Friday, November 18, 2011

How will the disk shortage affect you?


Summary: Massive flooding has shut down disk giant Western Digital’s Thai plant. Asustek could run out of disks by the end of this month; Lenovo and Apple have issued warnings. That’s just the tip of the iceberg.

We heard a similar story with the Japan earthquake/tsunami/meltdown disaster: plants offline; component shortages; widespread disruptions forecast. But somehow things have kept going for most vendors with the exception of Lexus, Toyota and Honda.

What’s real
There’s 4 feet of water in the WD plant.
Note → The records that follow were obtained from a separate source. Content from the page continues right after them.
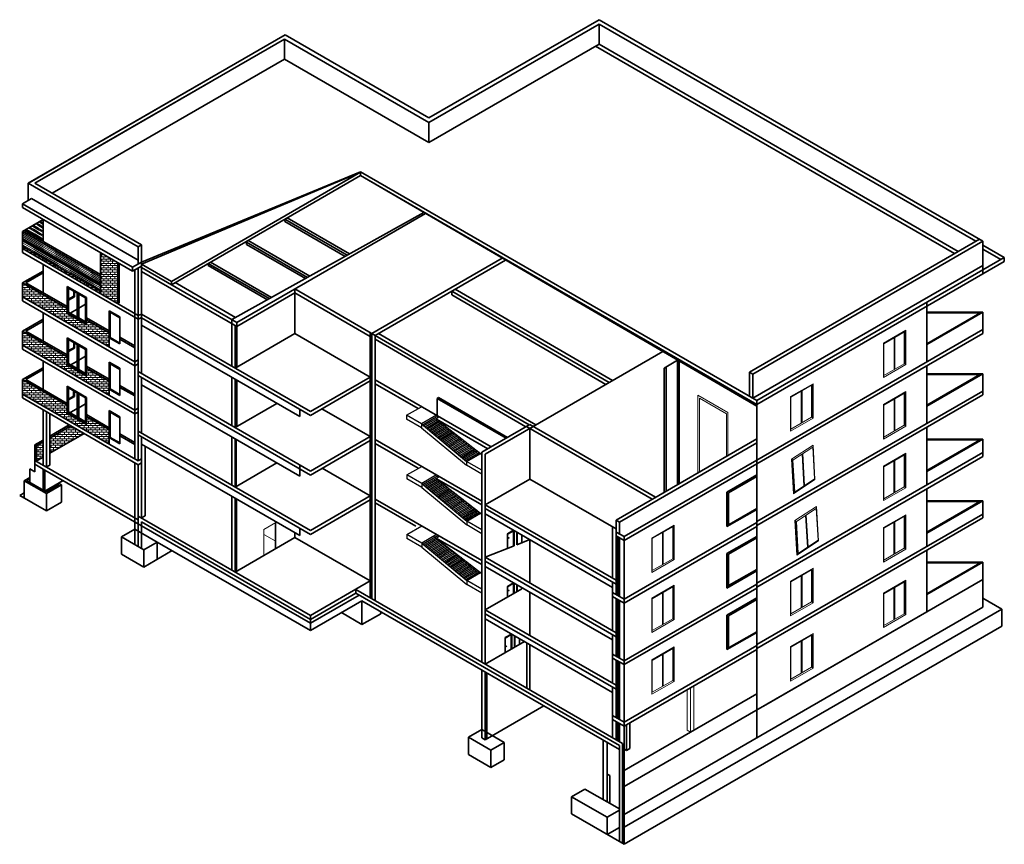
# Model space of a CAD drawing. Units: metres. Extents: x 6326 to 12764, y 4147 to 8354.
# Tile 1 of 2: x 6326 to 6383, y 4147 to 4195. Entities that reach past the tile are written whole.
import ezdxf

# ---------------------------------------------------------------- set-up
doc = ezdxf.new("R2010")
doc.units = ezdxf.units.M
for name, color, linetype, lineweight in [('A-CONS', 9, 'Continuous', 13), ('A-DOOR', 3, 'Continuous', 18), ('A-FLOR-STRS', 3, 'Continuous', 25), ('A-GLAZ', 4, 'Continuous', 18), ('A-SECT', 7, 'Continuous', 35), ('A-WALL-PATT', 8, 'Continuous', 13)]:
    doc.layers.add(name, color=color, linetype=linetype, lineweight=lineweight)

# ---------------------------------------------------------------- blocks, each defined once
blk = doc.blocks.new('tarir')
for p, q in [((6348.756, 4168.452), (6349.622, 4168.952)), ((6349.622, 4167.952), (6348.756, 4168.452)), ((6348.756, 4168.452), (6348.756, 4168.226)), ((6349.622, 4167.726), (6348.756, 4168.226)), ((6350.488, 4168.452), (6349.622, 4167.952)), ((6350.575, 4168.402), (6349.709, 4167.902)), ((6350.575, 4168.302), (6349.764, 4167.834)), ((6350.575, 4168.302), (6349.764, 4167.834)), ((6350.543, 4168.184), (6349.851, 4167.784)), ((6350.488, 4168.252), (6350.488, 4168.152)), ((6350.488, 4168.226), (6353.107, 4166.189)), ((6350.575, 4168.402), (6350.575, 4168.302)), ((6349.622, 4167.952), (6349.622, 4167.726)), ((6349.622, 4167.952), (6352.23, 4165.783)), ((6349.622, 4167.952), (6349.709, 4167.902)), ((6349.622, 4167.726), (6352.23, 4165.557)), ((6349.709, 4167.902), (6349.709, 4167.88)), ((6349.764, 4167.834), (6349.851, 4167.784)), ((6349.851, 4167.784), (6349.851, 4167.762)), ((6350.617, 4168.127), (6349.906, 4167.716)), ((6350.617, 4168.127), (6349.906, 4167.716)), ((6349.906, 4167.716), (6349.993, 4167.666)), ((6350.69, 4168.069), (6349.993, 4167.666)), ((6349.993, 4167.666), (6349.993, 4167.644)), ((6350.764, 4168.012), (6350.048, 4167.598)), ((6350.764, 4168.012), (6350.048, 4167.598)), ((6350.048, 4167.598), (6350.135, 4167.548)), ((6350.838, 4167.954), (6350.135, 4167.548)), ((6350.914, 4167.898), (6350.19, 4167.48)), ((6350.914, 4167.898), (6350.19, 4167.48)), ((6350.986, 4167.84), (6350.276, 4167.43)), ((6351.059, 4167.782), (6350.332, 4167.362)), ((6351.059, 4167.782), (6350.332, 4167.362)), ((6351.133, 4167.725), (6350.418, 4167.312)), ((6351.207, 4167.667), (6350.474, 4167.244)), ((6351.207, 4167.667), (6350.474, 4167.244)), ((6351.281, 4167.61), (6350.56, 4167.194)), ((6350.617, 4168.127), (6350.617, 4168.027)), ((6350.764, 4168.012), (6350.764, 4167.912)), ((6350.912, 4167.897), (6350.912, 4167.797)), ((6351.056, 4167.78), (6351.056, 4167.68)), ((6351.198, 4167.662), (6351.198, 4167.562)), ((6350.135, 4167.548), (6350.135, 4167.526)), ((6350.19, 4167.48), (6350.276, 4167.43)), ((6350.276, 4167.43), (6350.276, 4167.408)), ((6350.332, 4167.362), (6350.418, 4167.312)), ((6350.418, 4167.312), (6350.418, 4167.29)), ((6350.474, 4167.244), (6350.56, 4167.194)), ((6350.56, 4167.194), (6350.56, 4167.172)), ((6351.354, 4167.553), (6350.616, 4167.126)), ((6351.354, 4167.553), (6350.616, 4167.126)), ((6350.616, 4167.126), (6350.702, 4167.076)), ((6351.428, 4167.495), (6350.702, 4167.076)), ((6350.702, 4167.076), (6350.702, 4167.054)), ((6351.502, 4167.438), (6350.757, 4167.008)), ((6351.502, 4167.438), (6350.757, 4167.008)), ((6350.757, 4167.008), (6350.844, 4166.958)), ((6351.576, 4167.38), (6350.844, 4166.958)), ((6351.65, 4167.323), (6350.899, 4166.89)), ((6351.723, 4167.266), (6350.986, 4166.84)), ((6351.797, 4167.208), (6351.041, 4166.772)), ((6351.871, 4167.151), (6351.128, 4166.722)), ((6351.945, 4167.093), (6351.183, 4166.654)), ((6351.945, 4167.093), (6351.183, 4166.654)), ((6352.018, 4167.036), (6351.27, 4166.604)), ((6351.34, 4167.544), (6351.34, 4167.444)), ((6351.482, 4167.426), (6351.482, 4167.326)), ((6351.65, 4167.323), (6351.65, 4167.223)), ((6351.765, 4167.19), (6351.765, 4167.09)), ((6351.907, 4167.072), (6351.907, 4166.972)), ((6350.844, 4166.958), (6350.844, 4166.936)), ((6350.899, 4166.89), (6350.986, 4166.84)), ((6350.986, 4166.84), (6350.986, 4166.818)), ((6351.041, 4166.772), (6351.128, 4166.722)), ((6351.128, 4166.722), (6351.128, 4166.7)), ((6351.183, 4166.654), (6351.27, 4166.604)), ((6351.27, 4166.604), (6351.27, 4166.582)), ((6352.092, 4166.978), (6351.325, 4166.536)), ((6352.092, 4166.978), (6351.325, 4166.536)), ((6351.325, 4166.536), (6351.412, 4166.486)), ((6352.166, 4166.921), (6351.412, 4166.486)), ((6351.412, 4166.486), (6351.412, 4166.463)), ((6352.24, 4166.864), (6351.467, 4166.417)), ((6352.24, 4166.864), (6351.467, 4166.417)), ((6352.314, 4166.806), (6351.554, 4166.367)), ((6352.387, 4166.749), (6351.609, 4166.299)), ((6352.387, 4166.749), (6351.609, 4166.299)), ((6352.461, 4166.691), (6351.695, 4166.249)), ((6352.535, 4166.634), (6351.751, 4166.181)), ((6352.535, 4166.634), (6351.751, 4166.181)), ((6352.609, 4166.577), (6351.837, 4166.131)), ((6352.683, 4166.519), (6351.893, 4166.063)), ((6352.683, 4166.519), (6351.893, 4166.063)), ((6352.756, 4166.462), (6351.979, 4166.013)), ((6352.049, 4166.954), (6352.049, 4166.854)), ((6352.191, 4166.836), (6352.191, 4166.736)), ((6352.333, 4166.717), (6352.333, 4166.617)), ((6352.475, 4166.599), (6352.475, 4166.499)), ((6352.617, 4166.481), (6352.617, 4166.381)), ((6351.467, 4166.417), (6351.554, 4166.367)), ((6351.554, 4166.367), (6351.554, 4166.345)), ((6351.609, 4166.299), (6351.695, 4166.249)), ((6351.695, 4166.249), (6351.695, 4166.227)), ((6351.751, 4166.181), (6351.837, 4166.131)), ((6351.837, 4166.131), (6351.837, 4166.109)), ((6351.893, 4166.063), (6351.979, 4166.013)), ((6351.979, 4166.013), (6351.979, 4165.991)), ((6352.83, 4166.404), (6352.035, 4165.945)), ((6352.035, 4165.945), (6352.121, 4165.895)), ((6352.904, 4166.347), (6352.121, 4165.895)), ((6352.121, 4165.895), (6352.121, 4165.873)), ((6352.978, 4166.29), (6352.176, 4165.827)), ((6352.759, 4166.363), (6352.759, 4166.263)), ((6352.901, 4166.245), (6352.901, 4166.17)), ((6353.107, 4165.276), (6352.23, 4165.783)), ((6352.23, 4165.783), (6352.23, 4165.557)), ((6353.107, 4165.05), (6352.23, 4165.557))]:
    blk.add_line(p, q)
blk = doc.blocks.new('WIN-SINGLE')
for p, q in [((0, 2), (1.299, 2.75)), ((0.022, 1.963), (1.256, 2.675)), ((0.617, 2.306), (0.617, 0.456)), ((0.661, 2.331), (0.661, 0.481)), ((1.213, 2.65), (1.213, 0.8)), ((1.256, 2.675), (1.256, 0.775)), ((1.299, 2.75), (1.299, 0.75)), ((0, 0), (0, 2)), ((0.022, 0.113), (0.022, 1.963)), ((1.299, 0.75), (0, 0)), ((1.213, 0.8), (0.022, 0.113)), ((1.299, 0.75), (1.213, 0.8))]:
    blk.add_line(p, q)
blk = doc.blocks.new('WIN-DOUBLE')
for p, q in [((0, 5.565), (1.299, 6.315)), ((1.299, 6.315), (1.299, 4.315)), ((0.021, 5.528), (1.255, 6.24)), ((0.617, 5.872), (0.617, 4.022)), ((0.66, 5.897), (0.66, 4.047)), ((1.212, 6.215), (1.212, 4.365)), ((1.255, 6.24), (1.255, 4.34)), ((0, 3.565), (0, 5.565)), ((0.021, 3.678), (0.021, 5.528)), ((1.299, 4.315), (0, 3.565)), ((1.212, 4.365), (0.021, 3.678)), ((1.299, 4.315), (1.212, 4.365)), ((0, 2), (1.299, 2.75)), ((0.021, 1.963), (1.255, 2.675)), ((0.617, 2.307), (0.617, 0.457)), ((0.66, 2.332), (0.66, 0.482)), ((1.212, 2.65), (1.212, 0.8)), ((1.255, 2.675), (1.255, 0.775)), ((1.299, 2.75), (1.299, 0.75)), ((0, 0), (0, 2)), ((0.021, 0.113), (0.021, 1.963)), ((1.299, 0.75), (0, 0)), ((1.212, 0.8), (0.021, 0.113)), ((1.299, 0.75), (1.212, 0.8))]:
    blk.add_line(p, q)

msp = doc.modelspace()

# ---------------------------------------------------------------- hatches: boundary and pattern name
at = {"layer": 'A-WALL-PATT'}
h = msp.add_hatch(dxfattribs=at)
h.set_pattern_fill('GOST_GROUND', color=256, scale=0.02, angle=105)
h.paths.add_polyline_path([(6327.679, 4183.255), (6326.587, 4182.625), (6327.679, 4181.995)])
h = msp.add_hatch(dxfattribs=at)
h.set_pattern_fill('GOST_GROUND', color=256, scale=0.04, angle=105)
h.set_pattern_definition([(150, (9e-13, -0.0107), (-0.146410162, 0.546410162), [0.8]), (150, (-0.03106, 0.1052), (-0.146410162, 0.546410162), [0.8]), (150, (-0.0621, 0.2211), (-0.146410162, 0.546410162), [0.8])])
h.paths.add_polyline_path([(6326.489, 4182.558), (6326.489, 4181.708), (6331.012, 4179.107), (6331.012, 4179.946)])
h = msp.add_hatch(dxfattribs=at)
h.set_pattern_fill('BRICK', color=256, scale=0.02, angle=180)
h.paths.add_polyline_path([(6326.489, 4181.713), (6326.489, 4181.568), (6331.012, 4178.957), (6331.012, 4179.102)])
h = msp.add_hatch(dxfattribs=at)
h.set_pattern_fill('BRICK', color=256, scale=0.02, angle=180)
h.paths.add_polyline_path([(6332.018, 4180.752), (6331.012, 4181.333), (6331.012, 4178.957), (6332.018, 4178.376)])
h = msp.add_hatch(dxfattribs=at)
h.set_pattern_fill('GOST_GROUND', color=256, scale=0.1, angle=105)
h.paths.add_polyline_path([(6332.095, 4180.708), (6332.018, 4180.752), (6332.018, 4178.376), (6332.095, 4178.421)])
h = msp.add_hatch(dxfattribs=at)
h.set_pattern_fill('BRICK', color=256, scale=0.02, angle=180)
h.paths.add_polyline_path([(6330.19, 4177.449), (6330.19, 4177.17), (6329.072, 4177.816), (6329.072, 4178.094), (6326.489, 4179.586), (6326.489, 4178.768), (6331.513, 4175.867), (6331.513, 4176.406), (6331.513, 4176.685)])
h = msp.add_hatch(dxfattribs=at)
h.set_pattern_fill('BRICK', color=256, scale=0.02, angle=180)
h.paths.add_polyline_path([(6331.513, 4173.067), (6331.513, 4173.423), (6331.513, 4173.885), (6330.19, 4174.649), (6330.19, 4174.188), (6329.072, 4174.833), (6329.072, 4175.294), (6326.489, 4176.786), (6326.489, 4175.968)])
h = msp.add_hatch(dxfattribs=at)
h.set_pattern_fill('BRICK', color=256, scale=0.02, angle=180)
h.paths.add_polyline_path([(6331.513, 4171.081), (6330.19, 4171.845), (6330.19, 4171.384), (6329.072, 4172.03), (6329.072, 4172.491), (6326.489, 4173.982), (6326.489, 4173.142), (6331.513, 4170.241), (6331.513, 4170.62)])
h = msp.add_hatch(dxfattribs=at)
h.set_pattern_fill('BRICK', color=256, scale=0.02, angle=180)
h.paths.add_polyline_path([(6330.054, 4170.858), (6329.294, 4171.297), (6328.07, 4170.59), (6328.07, 4169.712)])
h = msp.add_hatch(dxfattribs=at)
h.set_pattern_fill('BRICK', color=256, scale=0.02, angle=180)
h.paths.add_polyline_path([(6327.679, 4170.364), (6327.302, 4170.147), (6327.302, 4169.269), (6327.679, 4169.486)])

# ---------------------------------------------------------------- linework, layer by layer
at = {"layer": 'A-CONS'}
for p in [(6353.303, 4163.571), (6353.303, 4160.527)]:
    msp.add_point(p, dxfattribs=at)
at = {"layer": 'A-DOOR'}
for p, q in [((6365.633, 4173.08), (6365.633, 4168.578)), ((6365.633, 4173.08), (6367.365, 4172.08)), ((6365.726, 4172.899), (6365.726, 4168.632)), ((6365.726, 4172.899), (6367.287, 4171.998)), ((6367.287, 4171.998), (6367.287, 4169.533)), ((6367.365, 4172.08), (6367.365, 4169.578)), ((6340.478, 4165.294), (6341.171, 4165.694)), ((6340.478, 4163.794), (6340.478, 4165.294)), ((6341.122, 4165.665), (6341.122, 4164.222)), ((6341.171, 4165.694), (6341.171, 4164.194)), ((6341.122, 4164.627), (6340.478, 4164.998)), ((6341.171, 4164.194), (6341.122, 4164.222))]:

Even after the flood waters recede a substantial clean up is required: one analyst forecast 56 days of downtime.

That plant produces about half of WDs disks. WD produces about half of the world’s disks, so worst case we’re looking at a 25-30% reduction in global disk supply over the next 2-3 months.

Global production is ≈50 million drives a month, so the shortfall could be 30-50 million drives. Yeah, that would hurt.

Components?
Disk component suppliers have also been affected, but there’s less visibility into their condition. Worst-case so far: the vendor who makes most of the world’s spindle motors has a flooded plant.

But shortages of other critical components are possible, and could affect all vendors, not just WD. OTOH, other plants could ramp up to fill the void - and it would be in their financial interest to do so.